Now that we have mapped the genes to the chromosomes in the dictionary, we will fetch the chromosome information. Again, we use WormMine.

In [None]:
query = service.new_query("Chromosome")
query.add_view("primaryIdentifier", "length")

chromosomes = {}

for chrrow in query.rows():
    chrom_label = chrrow["primaryIdentifier"]
    length = chrrow["length"]
    
    if 'X' in chrom_label:
        chr_num = (5+1)
    elif 'MtDNA' in chrom_label:
        chr_num = (6+1)
    else:
        chr_num = roman_to_int(chrom_label)
    
    chromosomes.update({chr_num : [chrom_label, length]})

Now we have all that we need to generate the chromosome map images!!

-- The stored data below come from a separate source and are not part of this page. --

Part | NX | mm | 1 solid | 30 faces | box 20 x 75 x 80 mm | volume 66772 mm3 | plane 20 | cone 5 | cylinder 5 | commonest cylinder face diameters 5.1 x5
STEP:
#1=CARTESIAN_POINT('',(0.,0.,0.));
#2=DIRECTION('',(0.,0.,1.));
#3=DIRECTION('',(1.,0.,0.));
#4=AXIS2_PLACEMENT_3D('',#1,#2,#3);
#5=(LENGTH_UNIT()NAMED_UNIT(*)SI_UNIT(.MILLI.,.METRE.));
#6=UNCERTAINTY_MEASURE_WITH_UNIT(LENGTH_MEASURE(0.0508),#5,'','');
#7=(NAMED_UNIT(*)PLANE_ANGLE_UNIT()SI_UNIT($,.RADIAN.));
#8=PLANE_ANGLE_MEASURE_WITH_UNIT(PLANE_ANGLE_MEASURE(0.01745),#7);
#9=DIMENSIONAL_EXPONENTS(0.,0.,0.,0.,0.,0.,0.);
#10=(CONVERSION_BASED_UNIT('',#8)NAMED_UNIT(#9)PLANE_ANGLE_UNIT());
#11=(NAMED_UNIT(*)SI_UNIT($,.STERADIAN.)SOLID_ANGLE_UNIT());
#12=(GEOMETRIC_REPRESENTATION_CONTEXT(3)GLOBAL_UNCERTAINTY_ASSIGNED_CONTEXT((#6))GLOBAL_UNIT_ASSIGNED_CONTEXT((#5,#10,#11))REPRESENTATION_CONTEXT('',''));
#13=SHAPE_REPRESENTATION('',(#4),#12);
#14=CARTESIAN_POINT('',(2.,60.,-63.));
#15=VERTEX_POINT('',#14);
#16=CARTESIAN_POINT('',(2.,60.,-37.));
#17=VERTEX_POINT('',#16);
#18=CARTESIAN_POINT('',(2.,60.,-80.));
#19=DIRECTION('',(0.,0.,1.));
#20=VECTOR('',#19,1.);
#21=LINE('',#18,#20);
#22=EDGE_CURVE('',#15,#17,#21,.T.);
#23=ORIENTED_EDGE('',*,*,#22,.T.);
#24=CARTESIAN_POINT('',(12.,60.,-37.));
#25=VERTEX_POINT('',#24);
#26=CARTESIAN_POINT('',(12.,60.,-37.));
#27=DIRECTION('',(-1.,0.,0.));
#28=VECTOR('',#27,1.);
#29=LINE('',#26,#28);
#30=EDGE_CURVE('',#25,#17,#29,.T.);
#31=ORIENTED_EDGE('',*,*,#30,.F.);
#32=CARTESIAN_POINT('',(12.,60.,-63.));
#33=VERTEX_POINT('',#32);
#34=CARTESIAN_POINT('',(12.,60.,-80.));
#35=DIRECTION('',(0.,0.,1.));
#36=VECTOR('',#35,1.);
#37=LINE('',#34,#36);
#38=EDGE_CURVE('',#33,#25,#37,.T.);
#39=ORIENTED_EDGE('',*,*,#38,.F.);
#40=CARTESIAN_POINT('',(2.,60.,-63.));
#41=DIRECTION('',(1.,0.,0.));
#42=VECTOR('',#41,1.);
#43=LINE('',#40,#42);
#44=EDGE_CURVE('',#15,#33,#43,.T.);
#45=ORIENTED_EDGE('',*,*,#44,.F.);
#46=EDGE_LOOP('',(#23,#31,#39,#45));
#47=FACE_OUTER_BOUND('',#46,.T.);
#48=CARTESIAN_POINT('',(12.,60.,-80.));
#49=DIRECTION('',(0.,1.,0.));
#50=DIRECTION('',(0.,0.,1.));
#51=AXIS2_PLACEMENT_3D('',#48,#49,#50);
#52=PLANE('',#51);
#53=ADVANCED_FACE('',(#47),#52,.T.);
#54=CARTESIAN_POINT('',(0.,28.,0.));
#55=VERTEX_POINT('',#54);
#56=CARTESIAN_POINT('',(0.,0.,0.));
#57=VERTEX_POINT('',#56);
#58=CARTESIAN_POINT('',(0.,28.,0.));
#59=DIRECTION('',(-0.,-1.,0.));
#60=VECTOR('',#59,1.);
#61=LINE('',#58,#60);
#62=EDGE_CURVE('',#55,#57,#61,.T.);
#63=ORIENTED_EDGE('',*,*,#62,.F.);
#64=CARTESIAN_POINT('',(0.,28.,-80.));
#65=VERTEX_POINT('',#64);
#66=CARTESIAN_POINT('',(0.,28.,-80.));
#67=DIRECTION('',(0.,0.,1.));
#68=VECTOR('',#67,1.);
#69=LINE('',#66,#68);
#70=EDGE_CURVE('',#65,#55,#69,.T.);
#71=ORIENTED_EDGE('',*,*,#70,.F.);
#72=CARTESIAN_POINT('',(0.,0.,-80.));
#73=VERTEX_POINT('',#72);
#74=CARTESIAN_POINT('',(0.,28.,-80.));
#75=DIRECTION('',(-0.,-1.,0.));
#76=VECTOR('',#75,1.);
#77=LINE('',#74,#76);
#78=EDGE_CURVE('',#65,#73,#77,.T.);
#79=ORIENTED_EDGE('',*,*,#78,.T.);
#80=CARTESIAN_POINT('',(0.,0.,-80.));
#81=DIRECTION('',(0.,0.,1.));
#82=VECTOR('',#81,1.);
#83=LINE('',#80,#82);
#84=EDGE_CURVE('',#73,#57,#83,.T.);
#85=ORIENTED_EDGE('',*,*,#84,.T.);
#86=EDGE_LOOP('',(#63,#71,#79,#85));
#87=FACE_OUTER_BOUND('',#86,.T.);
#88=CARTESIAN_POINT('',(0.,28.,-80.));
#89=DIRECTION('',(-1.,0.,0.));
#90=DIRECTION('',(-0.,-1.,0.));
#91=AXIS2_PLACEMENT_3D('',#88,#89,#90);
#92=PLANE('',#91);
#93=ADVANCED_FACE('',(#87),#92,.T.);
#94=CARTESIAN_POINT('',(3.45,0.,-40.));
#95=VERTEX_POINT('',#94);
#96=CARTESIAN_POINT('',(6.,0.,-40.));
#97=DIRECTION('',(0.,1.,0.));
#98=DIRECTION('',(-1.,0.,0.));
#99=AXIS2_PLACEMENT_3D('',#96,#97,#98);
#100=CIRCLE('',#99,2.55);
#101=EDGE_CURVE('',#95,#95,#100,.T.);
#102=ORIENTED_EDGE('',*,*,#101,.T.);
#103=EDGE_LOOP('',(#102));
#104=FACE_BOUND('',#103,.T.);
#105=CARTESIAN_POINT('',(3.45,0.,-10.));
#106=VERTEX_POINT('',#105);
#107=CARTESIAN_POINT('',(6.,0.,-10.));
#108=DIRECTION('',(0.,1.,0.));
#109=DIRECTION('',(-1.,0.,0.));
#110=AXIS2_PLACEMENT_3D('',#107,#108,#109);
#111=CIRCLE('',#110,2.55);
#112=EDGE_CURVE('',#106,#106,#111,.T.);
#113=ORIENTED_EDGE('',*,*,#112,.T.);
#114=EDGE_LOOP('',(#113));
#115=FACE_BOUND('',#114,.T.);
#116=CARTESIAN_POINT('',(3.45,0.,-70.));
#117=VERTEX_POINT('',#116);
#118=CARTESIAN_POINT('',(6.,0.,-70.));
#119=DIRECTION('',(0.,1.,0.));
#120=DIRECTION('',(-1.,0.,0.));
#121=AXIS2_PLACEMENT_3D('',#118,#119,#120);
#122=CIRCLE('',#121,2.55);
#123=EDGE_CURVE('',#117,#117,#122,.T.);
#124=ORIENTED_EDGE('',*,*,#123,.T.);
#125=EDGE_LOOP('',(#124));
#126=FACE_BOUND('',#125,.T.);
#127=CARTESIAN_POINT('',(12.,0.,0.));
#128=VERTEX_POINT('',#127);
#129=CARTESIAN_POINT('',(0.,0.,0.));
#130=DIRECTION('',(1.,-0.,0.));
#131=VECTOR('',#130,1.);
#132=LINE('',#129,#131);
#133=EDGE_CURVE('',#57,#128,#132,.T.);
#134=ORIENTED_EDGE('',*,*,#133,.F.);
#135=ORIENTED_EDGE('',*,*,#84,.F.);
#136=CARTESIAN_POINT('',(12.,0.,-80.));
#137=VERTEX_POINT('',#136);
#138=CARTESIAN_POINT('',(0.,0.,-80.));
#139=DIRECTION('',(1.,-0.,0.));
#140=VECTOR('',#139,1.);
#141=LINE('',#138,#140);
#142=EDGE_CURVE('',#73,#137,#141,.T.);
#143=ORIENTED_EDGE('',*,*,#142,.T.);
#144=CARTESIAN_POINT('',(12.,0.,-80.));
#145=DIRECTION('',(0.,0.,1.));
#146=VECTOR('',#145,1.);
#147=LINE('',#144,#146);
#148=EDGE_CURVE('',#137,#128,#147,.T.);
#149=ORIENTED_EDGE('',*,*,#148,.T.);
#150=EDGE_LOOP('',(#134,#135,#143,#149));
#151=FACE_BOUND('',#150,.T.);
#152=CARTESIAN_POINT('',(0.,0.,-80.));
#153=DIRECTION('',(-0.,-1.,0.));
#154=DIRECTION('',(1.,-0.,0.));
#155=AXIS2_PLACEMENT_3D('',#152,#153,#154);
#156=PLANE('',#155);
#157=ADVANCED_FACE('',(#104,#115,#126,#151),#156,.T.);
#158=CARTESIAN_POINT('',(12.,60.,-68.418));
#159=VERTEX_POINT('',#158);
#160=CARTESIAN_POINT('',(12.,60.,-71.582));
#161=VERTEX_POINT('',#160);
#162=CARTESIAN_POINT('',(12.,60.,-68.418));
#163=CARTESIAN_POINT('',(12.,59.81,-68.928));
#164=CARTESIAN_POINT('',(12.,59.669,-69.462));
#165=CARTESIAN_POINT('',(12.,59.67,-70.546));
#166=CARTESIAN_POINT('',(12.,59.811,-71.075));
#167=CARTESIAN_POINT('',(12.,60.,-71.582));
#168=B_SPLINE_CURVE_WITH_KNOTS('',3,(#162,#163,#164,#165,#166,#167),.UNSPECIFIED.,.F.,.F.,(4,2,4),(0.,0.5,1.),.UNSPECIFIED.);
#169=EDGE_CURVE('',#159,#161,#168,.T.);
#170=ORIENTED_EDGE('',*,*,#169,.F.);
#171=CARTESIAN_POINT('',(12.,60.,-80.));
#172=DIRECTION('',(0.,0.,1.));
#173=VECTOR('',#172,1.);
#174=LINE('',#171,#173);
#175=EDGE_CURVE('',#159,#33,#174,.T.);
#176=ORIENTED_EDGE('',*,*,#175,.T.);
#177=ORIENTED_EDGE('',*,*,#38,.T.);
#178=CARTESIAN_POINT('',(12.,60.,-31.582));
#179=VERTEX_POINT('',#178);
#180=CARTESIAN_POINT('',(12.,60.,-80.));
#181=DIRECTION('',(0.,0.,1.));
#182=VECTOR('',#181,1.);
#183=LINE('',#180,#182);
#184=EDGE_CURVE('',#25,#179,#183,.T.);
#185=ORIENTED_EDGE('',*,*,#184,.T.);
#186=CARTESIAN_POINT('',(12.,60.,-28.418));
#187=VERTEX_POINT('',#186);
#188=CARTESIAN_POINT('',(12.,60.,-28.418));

We will first assign all the image dimensions related variables appropriate values. Then deal with laying down the lines for chromosomes and then marking the gene names on them. You do not need to make any changes to this cell!

In [None]:
spacer = 65                               #increase to increase height
headspace = 60
mitohead = 200
txthead = 15
nameshift = 65
autoscale = 25000                         #decrease to increase width
mitoscale = (autoscale / 1000)

chromosome_map = Image.new('RGB', (int(25000000 / autoscale), (spacer * 8)), (255, 255, 255)) #dimension and color
graph = ImageDraw.Draw(chromosome_map)



for chromosome in chromosomes:
    
    chrnum = chromosome
    chromlabel = chromosomes[chromosome][0]
    chromlength = chromosomes[chromosome][1]
    
    font = ImageFont.truetype("imp_fonts/NotoSans-Bold.ttf", size=20)
    
    if 'MtDNA' in chromlabel: 
        graph.line((mitohead, (spacer * chrnum), (chromlength/mitoscale + mitohead), (spacer * chrnum)), 
                   fill=(0, 100, 255), width=5)
        graph.text((txthead, (spacer * chrnum - 15)),(chromlabel + ' (X 1,000)'),(0,0,0),font=font)
        
    else:
        graph.line((headspace, (spacer * chrnum), (chromlength/autoscale + headspace), (spacer * chrnum)), 
                   fill=(0, 100, 255), width=5)
        graph.text((txthead, (spacer * chrnum - 15)),(chromlabel),(0,0,0),font=font)
        

for gene in genes_found:
    
    geneid = gene
    pubname = genes_found[gene][0]
    chromo = genes_found[gene][1]
    location = genes_found[gene][2]
    
    font = ImageFont.truetype("imp_fonts/NotoSans-BoldItalic.ttf")
    
    if 'MtDNA' in chromo:
        chrnum = 7
        graph.line(((location/mitoscale + mitohead), (spacer * chrnum -2.5 ), (location/mitoscale + mitohead), 
                    (spacer * chrnum - 10)), fill=(0, 0, 0), width=2)
        chromosome_map.paste( ImageOps.colorize(rotatetxt(pubname, 45), (0,0,0), (0,0,0)), 
                 (int(location/mitoscale + mitohead - 5), (spacer * chrnum - nameshift)),  rotatetxt(pubname, 45))
    
    elif 'X' in chromo: 
        chrnum = 6
        graph.line(((location/autoscale + headspace), (spacer * chrnum -2.5 ), (location/autoscale + headspace), 
                    (spacer * chrnum - 10)), fill=(0, 0, 0), width=2)
        chromosome_map.paste( ImageOps.colorize(rotatetxt(pubname, 45), (0,0,0), (0,0,0)), 
                 (int(location/autoscale + headspace - 5), (spacer * chrnum - nameshift)),  rotatetxt(pubname, 45))
        
    else:
        chrnum = roman_to_int(chromo)
        graph.line(((location/autoscale + headspace), (spacer * chrnum -2.5 ), (location/autoscale + headspace), 
                    (spacer * chrnum - 10)), fill=(0, 0, 0), width=2)
        chromosome_map.paste( ImageOps.colorize(rotatetxt(pubname, 45), (0,0,0), (0,0,0)), 
                 (int(location/autoscale + headspace - 5), (spacer * chrnum - nameshift)),  rotatetxt(pubname, 45))

chromosome_map

This is the end of the tutorial on generating a chromosome map for a given list of genes using WormMine.

Acknowledgements:
- Worm Tutorials GitHub (https://github.com/Munfred/worm-tutorials)

This is also the end of the WormBase Jupyter Notebook series! Hope it was helpful!!